Simulation Techniques During the Process of LED Driver Development
Every LED driver is composed by one, two or sometimes three different topologies based on power electronic components: magnetics, MOSFETs and DIODEs working under hard conditions. The electronics reliability is limited by the stress that these components are able to support. More and more, LED drivers are demanded with a wide range of output power, so the operation of this kind of topologies integrated in the LED driver has many variations far away from its optimal design operation. This is especially critical in topologies like LLC resonant topology (going out of ZVS operation or third resonance problems) or Power Factor Corrector Booster topology (increasing switching power losses due to very light load operation).
Guaranteed reliability without an over-cost in materials involves a fitted development by means of optimal magnetics design and knowing the behaviour of that topology in all range of the LED driver operation. Using topologies simulations, magnetics involved in the LED driver can be designed in an optimal way, fitting them into the application. Using this way of design, all functional parameters, such as frequency operation or Duty Cycle can be estimated and fixed in final application. It is especially interesting if we may foresee Conducted Electro-Magnetic Interferences by setting switching frequencies.

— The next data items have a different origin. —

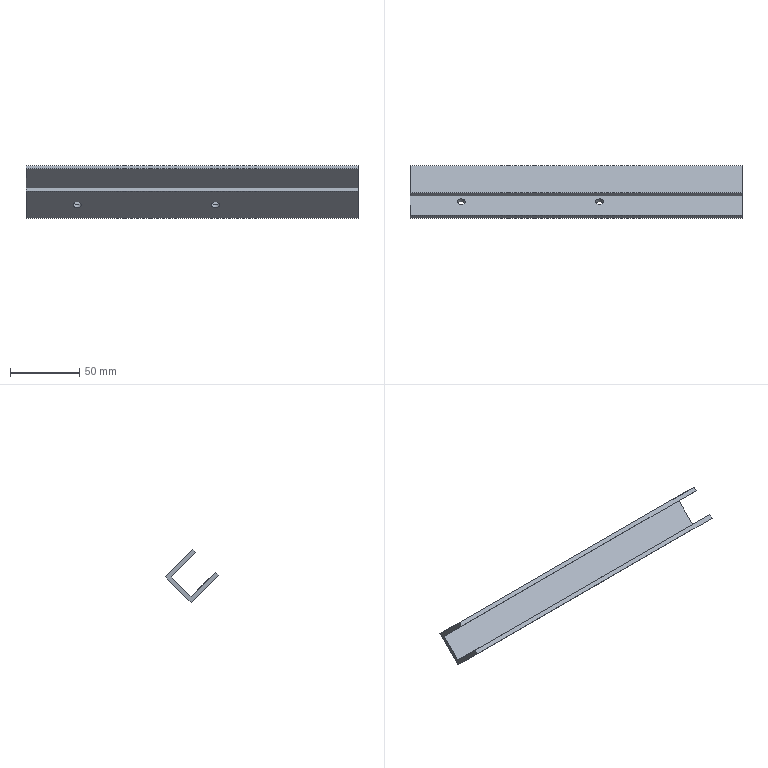Component | SolidWorks | Bracket-1 | 1 solid | 14 faces | box 240 x 38.18 x 38.18 mm | volume 54550 mm3 | plane 10 | cylinder 4 | commonest cylinder face diameters 6 x4
build123d program:
from build123d import *

# Parameters (mm, degrees)
EXTRUDE_THIN1_DEPTH = 240
SKETCH3_R           = 3
CUT_EXTRUDE1_DEPTH  = 3


with BuildPart() as part:
    # Sketch1 → Extrude-Thin1 (new body)
    with BuildSketch(Plane.XY):
        Polygon((-53.556, 14.33), (-25.556, 14.33), (-25.556, -11.67), (-53.556, -11.67), (-53.556, -8.67), (-28.556, -8.67), (-28.556, 11.33), (-53.556, 11.33), align=None)
    extrude(amount=EXTRUDE_THIN1_DEPTH)

    # Sketch3 → Cut-Extrude1 (cut)
    with BuildSketch(Plane(origin=(0, 14.33, 0), x_dir=(1, 0, 0), z_dir=(0, 1, 0))):
        with Locations(Location((-39.556, -103, 0), (0, 0, 270))):
            Circle(SKETCH3_R)
        with Locations(Location((-39.556, -203, 0), (0, 0, 270))):
            Circle(SKETCH3_R)
    extrude(amount=-CUT_EXTRUDE1_DEPTH, mode=Mode.SUBTRACT)


solid = part.part

# Placed as in the assembly
solid = solid.moved(Location((728.45, -151.935, -266.823), (-135, -90, 0)))
STEP:
#1=COLOUR_RGB('',0.7922,0.8196,0.9333);
#2=FILL_AREA_STYLE_COLOUR('',#1);
#3=FILL_AREA_STYLE('',(#2));
#4=SURFACE_STYLE_FILL_AREA(#3);
#5=SURFACE_SIDE_STYLE('',(#4));
#6=SURFACE_STYLE_USAGE(.BOTH.,#5);
#7=PRESENTATION_STYLE_ASSIGNMENT((#6));
#8=CARTESIAN_POINT('',(20.805,-7.398,-9.719));
#9=VERTEX_POINT('',#8);
#10=CARTESIAN_POINT('',(20.569,-7.398,-9.719));
#11=VERTEX_POINT('',#10);
#12=CARTESIAN_POINT('',(20.687,-7.398,-9.719));
#13=DIRECTION('',(0.,-0.7071,-0.7071));
#14=DIRECTION('',(-1.,0.,0.));
#15=AXIS2_PLACEMENT_3D('',#12,#13,#14);
#16=CIRCLE('',#15,0.1181);
#17=EDGE_CURVE('',#9,#11,#16,.T.);
#18=ORIENTED_EDGE('',*,*,#17,.F.);
#19=CARTESIAN_POINT('',(20.805,-7.482,-9.803));
#20=VERTEX_POINT('',#19);
#21=CARTESIAN_POINT('',(20.805,-7.398,-9.719));
#22=DIRECTION('',(0.,-0.7071,-0.7071));
#23=VECTOR('',#22,39.37);
#24=LINE('',#21,#23);
#25=EDGE_CURVE('',#9,#20,#24,.T.);
#26=ORIENTED_EDGE('',*,*,#25,.T.);
#27=CARTESIAN_POINT('',(20.569,-7.482,-9.803));
#28=VERTEX_POINT('',#27);
#29=CARTESIAN_POINT('',(20.687,-7.482,-9.803));
#30=DIRECTION('',(0.,-0.7071,-0.7071));
#31=DIRECTION('',(-1.,0.,0.));
#32=AXIS2_PLACEMENT_3D('',#29,#30,#31);
#33=CIRCLE('',#32,0.1181);
#34=EDGE_CURVE('',#20,#28,#33,.T.);
#35=ORIENTED_EDGE('',*,*,#34,.T.);
#36=CARTESIAN_POINT('',(20.569,-7.398,-9.719));
#37=DIRECTION('',(0.,-0.7071,-0.7071));
#38=VECTOR('',#37,39.37);
#39=LINE('',#36,#38);
#40=EDGE_CURVE('',#11,#28,#39,.T.);
#41=ORIENTED_EDGE('',*,*,#40,.F.);
#42=EDGE_LOOP('',(#18,#26,#35,#41));
#43=FACE_OUTER_BOUND('',#42,.T.);
#44=CARTESIAN_POINT('',(20.687,-7.398,-9.719));
#45=DIRECTION('',(0.,-0.7071,-0.7071));
#46=DIRECTION('',(-1.,0.,0.));
#47=AXIS2_PLACEMENT_3D('',#44,#45,#46);
#48=CYLINDRICAL_SURFACE('',#47,0.1181);
#49=ADVANCED_FACE('',(#43),#48,.F.);
#50=CARTESIAN_POINT('',(24.742,-7.398,-9.719));
#51=VERTEX_POINT('',#50);
#52=CARTESIAN_POINT('',(24.506,-7.398,-9.719));
#53=VERTEX_POINT('',#52);
#54=CARTESIAN_POINT('',(24.624,-7.398,-9.719));
#55=DIRECTION('',(0.,-0.7071,-0.7071));
#56=DIRECTION('',(-1.,0.,0.));
#57=AXIS2_PLACEMENT_3D('',#54,#55,#56);
#58=CIRCLE('',#57,0.1181);
#59=EDGE_CURVE('',#51,#53,#58,.T.);
#60=ORIENTED_EDGE('',*,*,#59,.F.);
#61=CARTESIAN_POINT('',(24.742,-7.482,-9.803));
#62=VERTEX_POINT('',#61);
#63=CARTESIAN_POINT('',(24.742,-7.398,-9.719));
#64=DIRECTION('',(0.,-0.7071,-0.7071));
#65=VECTOR('',#64,39.37);
#66=LINE('',#63,#65);
#67=EDGE_CURVE('',#51,#62,#66,.T.);
#68=ORIENTED_EDGE('',*,*,#67,.T.);
#69=CARTESIAN_POINT('',(24.506,-7.482,-9.803));
#70=VERTEX_POINT('',#69);
#71=CARTESIAN_POINT('',(24.624,-7.482,-9.803));
#72=DIRECTION('',(0.,-0.7071,-0.7071));
#73=DIRECTION('',(-1.,0.,0.));
#74=AXIS2_PLACEMENT_3D('',#71,#72,#73);
#75=CIRCLE('',#74,0.1181);
#76=EDGE_CURVE('',#62,#70,#75,.T.);
#77=ORIENTED_EDGE('',*,*,#76,.T.);
#78=CARTESIAN_POINT('',(24.506,-7.398,-9.719));
#79=DIRECTION('',(0.,-0.7071,-0.7071));
#80=VECTOR('',#79,39.37);
#81=LINE('',#78,#80);
#82=EDGE_CURVE('',#53,#70,#81,.T.);
#83=ORIENTED_EDGE('',*,*,#82,.F.);
#84=EDGE_LOOP('',(#60,#68,#77,#83));
#85=FACE_OUTER_BOUND('',#84,.T.);
#86=CARTESIAN_POINT('',(24.624,-7.398,-9.719));
#87=DIRECTION('',(0.,-0.7071,-0.7071));
#88=DIRECTION('',(-1.,0.,0.));
#89=AXIS2_PLACEMENT_3D('',#86,#87,#88);
#90=CYLINDRICAL_SURFACE('',#89,0.1181);
#91=ADVANCED_FACE('',(#85),#90,.F.);
#92=CARTESIAN_POINT('',(28.679,-6.535,-9.469));
#93=VERTEX_POINT('',#92);
#94=CARTESIAN_POINT('',(28.679,-7.231,-8.773));
#95=VERTEX_POINT('',#94);
#96=CARTESIAN_POINT('',(28.679,-6.452,-9.552));
#97=DIRECTION('',(-0.,-0.7071,0.7071));
#98=VECTOR('',#97,39.37);
#99=LINE('',#96,#98);
#100=EDGE_CURVE('',#93,#95,#99,.T.);
#101=ORIENTED_EDGE('',*,*,#100,.T.);
#102=CARTESIAN_POINT('',(19.23,-7.231,-8.773));
#103=VERTEX_POINT('',#102);
#104=CARTESIAN_POINT('',(19.23,-7.231,-8.773));
#105=DIRECTION('',(1.,-0.,0.));
#106=VECTOR('',#105,39.37);
#107=LINE('',#104,#106);
#108=EDGE_CURVE('',#103,#95,#107,.T.);
#109=ORIENTED_EDGE('',*,*,#108,.F.);
#110=CARTESIAN_POINT('',(19.23,-6.535,-9.469));
#111=VERTEX_POINT('',#110);
#112=CARTESIAN_POINT('',(19.23,-6.452,-9.552));
#113=DIRECTION('',(-0.,-0.7071,0.7071));
#114=VECTOR('',#113,39.37);
#115=LINE('',#112,#114);
#116=EDGE_CURVE('',#111,#103,#115,.T.);
#117=ORIENTED_EDGE('',*,*,#116,.F.);
#118=CARTESIAN_POINT('',(19.23,-6.535,-9.469));
#119=DIRECTION('',(1.,-0.,0.));
#120=VECTOR('',#119,39.37);
#121=LINE('',#118,#120);
#122=EDGE_CURVE('',#111,#93,#121,.T.);
#123=ORIENTED_EDGE('',*,*,#122,.T.);
#124=EDGE_LOOP('',(#101,#109,#117,#123));
#125=FACE_OUTER_BOUND('',#124,.T.);
#126=CARTESIAN_POINT('',(19.23,-6.452,-9.552));
#127=DIRECTION('',(-0.,0.7071,0.7071));
#128=DIRECTION('',(0.,0.7071,-0.7071));
#129=AXIS2_PLACEMENT_3D('',#126,#127,#128);
#130=PLANE('',#129);
#131=ADVANCED_FACE('',(#125),#130,.F.);
#132=CARTESIAN_POINT('',(28.679,-7.148,-8.689));
#133=VERTEX_POINT('',#132);
#134=CARTESIAN_POINT('',(28.679,-7.148,-8.689));
#135=DIRECTION('',(0.,-0.7071,-0.7071));
#136=VECTOR('',#135,39.37);
#137=LINE('',#134,#136);
#138=EDGE_CURVE('',#133,#95,#137,.T.);
#139=ORIENTED_EDGE('',*,*,#138,.F.);
#140=CARTESIAN_POINT('',(19.23,-7.148,-8.689));
#141=VERTEX_POINT('',#140);
#142=CARTESIAN_POINT('',(19.23,-7.148,-8.689));
#143=DIRECTION('',(1.,-0.,0.));
#144=VECTOR('',#143,39.37);
#145=LINE('',#142,#144);
#146=EDGE_CURVE('',#141,#133,#145,.T.);
#147=ORIENTED_EDGE('',*,*,#146,.F.);
#148=CARTESIAN_POINT('',(19.23,-7.148,-8.689));
#149=DIRECTION('',(0.,-0.7071,-0.7071));
#150=VECTOR('',#149,39.37);
#151=LINE('',#148,#150);
#152=EDGE_CURVE('',#141,#103,#151,.T.);
#153=ORIENTED_EDGE('',*,*,#152,.T.);
#154=ORIENTED_EDGE('',*,*,#108,.T.);
#155=EDGE_LOOP('',(#139,#147,#153,#154));
#156=FACE_OUTER_BOUND('',#155,.T.);
#157=CARTESIAN_POINT('',(19.23,-7.148,-8.689));
#158=DIRECTION('',(-0.,-0.7071,0.7071));
#159=DIRECTION('',(-1.,0.,-0.));
#160=AXIS2_PLACEMENT_3D('',#157,#158,#159);
#161=PLANE('',#160);
#162=ADVANCED_FACE('',(#156),#161,.T.);
#163=CARTESIAN_POINT('',(28.679,-6.368,-9.469));
#164=VERTEX_POINT('',#163);
#165=CARTESIAN_POINT('',(28.679,-6.368,-9.469));
#166=DIRECTION('',(-0.,-0.7071,0.7071));
#167=VECTOR('',#166,39.37);
#168=LINE('',#165,#167);
#169=EDGE_CURVE('',#164,#133,#168,.T.);
#170=ORIENTED_EDGE('',*,*,#169,.F.);
#171=CARTESIAN_POINT('',(19.23,-6.368,-9.469));
#172=VERTEX_POINT('',#171);
#173=CARTESIAN_POINT('',(19.23,-6.368,-9.469));
#174=DIRECTION('',(1.,-0.,0.));
#175=VECTOR('',#174,39.37);
#176=LINE('',#173,#175);
#177=EDGE_CURVE('',#172,#164,#176,.T.);
#178=ORIENTED_EDGE('',*,*,#177,.F.);
#179=CARTESIAN_POINT('',(19.23,-6.368,-9.469));
#180=DIRECTION('',(-0.,-0.7071,0.7071));
#181=VECTOR('',#180,39.37);
#182=LINE('',#179,#181);
#183=EDGE_CURVE('',#172,#141,#182,.T.);
#184=ORIENTED_EDGE('',*,*,#183,.T.);
#185=ORIENTED_EDGE('',*,*,#146,.T.);
#186=EDGE_LOOP('',(#170,#178,#184,#185));
#187=FACE_OUTER_BOUND('',#186,.T.);
#188=CARTESIAN_POINT('',(19.23,-6.368,-9.469));
#189=DIRECTION('',(-0.,0.7071,0.7071));
#190=DIRECTION('',(0.,0.7071,-0.7071));
#191=AXIS2_PLACEMENT_3D('',#188,#189,#190);
#192=PLANE('',#191);
#193=ADVANCED_FACE('',(#187),#192,.T.);
#194=CARTESIAN_POINT('',(28.679,-7.092,-10.192));
#195=VERTEX_POINT('',#194);
#196=CARTESIAN_POINT('',(28.679,-7.092,-10.192));
#197=DIRECTION('',(-0.,0.7071,0.7071));
#198=VECTOR('',#197,39.37);
#199=LINE('',#196,#198);
#200=EDGE_CURVE('',#195,#164,#199,.T.);
#201=ORIENTED_EDGE('',*,*,#200,.F.);
#202=CARTESIAN_POINT('',(19.23,-7.092,-10.192));
#203=VERTEX_POINT('',#202);
#204=CARTESIAN_POINT('',(19.23,-7.092,-10.192));
#205=DIRECTION('',(1.,-0.,0.));
#206=VECTOR('',#205,39.37);
#207=LINE('',#204,#206);
#208=EDGE_CURVE('',#203,#195,#207,.T.);
#209=ORIENTED_EDGE('',*,*,#208,.F.);
#210=CARTESIAN_POINT('',(19.23,-7.092,-10.192));
#211=DIRECTION('',(-0.,0.7071,0.7071));
#212=VECTOR('',#211,39.37);
#213=LINE('',#210,#212);
#214=EDGE_CURVE('',#203,#172,#213,.T.);
#215=ORIENTED_EDGE('',*,*,#214,.T.);
#216=ORIENTED_EDGE('',*,*,#177,.T.);
#217=EDGE_LOOP('',(#201,#209,#215,#216));
#218=FACE_OUTER_BOUND('',#217,.T.);
#219=CARTESIAN_POINT('',(19.23,-7.092,-10.192));
#220=DIRECTION('',(0.,0.7071,-0.7071));
#221=DIRECTION('',(1.,-0.,0.));
#222=AXIS2_PLACEMENT_3D('',#219,#220,#221);
#223=PLANE('',#222);
#224=ADVANCED_FACE('',(#218),#223,.T.);
#225=CARTESIAN_POINT('',(20.687,-7.482,-9.803));
#226=DIRECTION('',(0.,-0.7071,-0.7071));
#227=DIRECTION('',(-1.,0.,0.));
#228=AXIS2_PLACEMENT_3D('',#225,#226,#227);
#229=CIRCLE('',#228,0.1181);
#230=EDGE_CURVE('',#28,#20,#229,.T.);
#231=ORIENTED_EDGE('',*,*,#230,.F.);
#232=ORIENTED_EDGE('',*,*,#34,.F.);
#233=EDGE_LOOP('',(#231,#232));
#234=FACE_BOUND('',#233,.T.);
#235=CARTESIAN_POINT('',(24.624,-7.482,-9.803));
#236=DIRECTION('',(0.,-0.7071,-0.7071));
#237=DIRECTION('',(-1.,0.,0.));
#238=AXIS2_PLACEMENT_3D('',#235,#236,#237);
#239=CIRCLE('',#238,0.1181);
#240=EDGE_CURVE('',#70,#62,#239,.T.);
#241=ORIENTED_EDGE('',*,*,#240,.F.);
#242=ORIENTED_EDGE('',*,*,#76,.F.);
#243=EDGE_LOOP('',(#241,#242));
#244=FACE_BOUND('',#243,.T.);
#245=CARTESIAN_POINT('',(28.679,-7.872,-9.413));
#246=VERTEX_POINT('',#245);
#247=CARTESIAN_POINT('',(28.679,-7.872,-9.413));
#248=DIRECTION('',(0.,0.7071,-0.7071));
#249=VECTOR('',#248,39.37);
#250=LINE('',#247,#249);
#251=EDGE_CURVE('',#246,#195,#250,.T.);
#252=ORIENTED_EDGE('',*,*,#251,.F.);
#253=CARTESIAN_POINT('',(19.23,-7.872,-9.413));
#254=VERTEX_POINT('',#253);
#255=CARTESIAN_POINT('',(19.23,-7.872,-9.413));
#256=DIRECTION('',(1.,-0.,0.));
#257=VECTOR('',#256,39.37);
#258=LINE('',#255,#257);
#259=EDGE_CURVE('',#254,#246,#258,.T.);
#260=ORIENTED_EDGE('',*,*,#259,.F.);
#261=CARTESIAN_POINT('',(19.23,-7.872,-9.413));
#262=DIRECTION('',(0.,0.7071,-0.7071));
#263=VECTOR('',#262,39.37);
#264=LINE('',#261,#263);
#265=EDGE_CURVE('',#254,#203,#264,.T.);
#266=ORIENTED_EDGE('',*,*,#265,.T.);
#267=ORIENTED_EDGE('',*,*,#208,.T.);
#268=EDGE_LOOP('',(#252,#260,#266,#267));
#269=FACE_OUTER_BOUND('',#268,.T.);
#270=CARTESIAN_POINT('',(19.23,-7.872,-9.413));
#271=DIRECTION('',(0.,-0.7071,-0.7071));
#272=DIRECTION('',(-1.,0.,-0.));
#273=AXIS2_PLACEMENT_3D('',#270,#271,#272);
#274=PLANE('',#273);
#275=ADVANCED_FACE('',(#234,#244,#269),#274,.T.);
#276=CARTESIAN_POINT('',(28.679,-7.788,-9.329));
#277=VERTEX_POINT('',#276);
#278=CARTESIAN_POINT('',(28.679,-7.788,-9.329));
#279=DIRECTION('',(0.,-0.7071,-0.7071));
#280=VECTOR('',#279,39.37);
#281=LINE('',#278,#280);
#282=EDGE_CURVE('',#277,#246,#281,.T.);
#283=ORIENTED_EDGE('',*,*,#282,.F.);
#284=CARTESIAN_POINT('',(19.23,-7.788,-9.329));
#285=VERTEX_POINT('',#284);
#286=CARTESIAN_POINT('',(19.23,-7.788,-9.329));
#287=DIRECTION('',(1.,-0.,0.));
#288=VECTOR('',#287,39.37);
#289=LINE('',#286,#288);
#290=EDGE_CURVE('',#285,#277,#289,.T.);
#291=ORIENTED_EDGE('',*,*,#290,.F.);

Also, this method provides all information about electrical parameters like voltage or currents through components, allowing the engineer to estimate power losses and how are they distributed on the circuit, in all components. In addition, power losses can be distributed in a regular way between transformer and semiconductors or between wire and core in a transformer in order to find the maximum efficiency allow in the application, achieving the best trade-off.
Most of simulation models have been developed in State-Space apart from LLC topology. This is because of the First Harmonic Approximation (FHA design method), since it doesn`t fit enough with the model of an LLC resonant topology in a constant current LED driver application, including a wide output voltage range. Also, LED load for the constant current LED driver in LLC simulation must be calculated in every point of LLC resonance, following its gain behaviour.
In conclusion, simulating topologies during the design process a LED driver can provide the necessary analytic tools to estimate functional parameters, electrical parameters, power losses and efficiency by fitting the magnetics. Thus, product reliability might be maintained without producing a component over design, and so it’s corresponding over cost.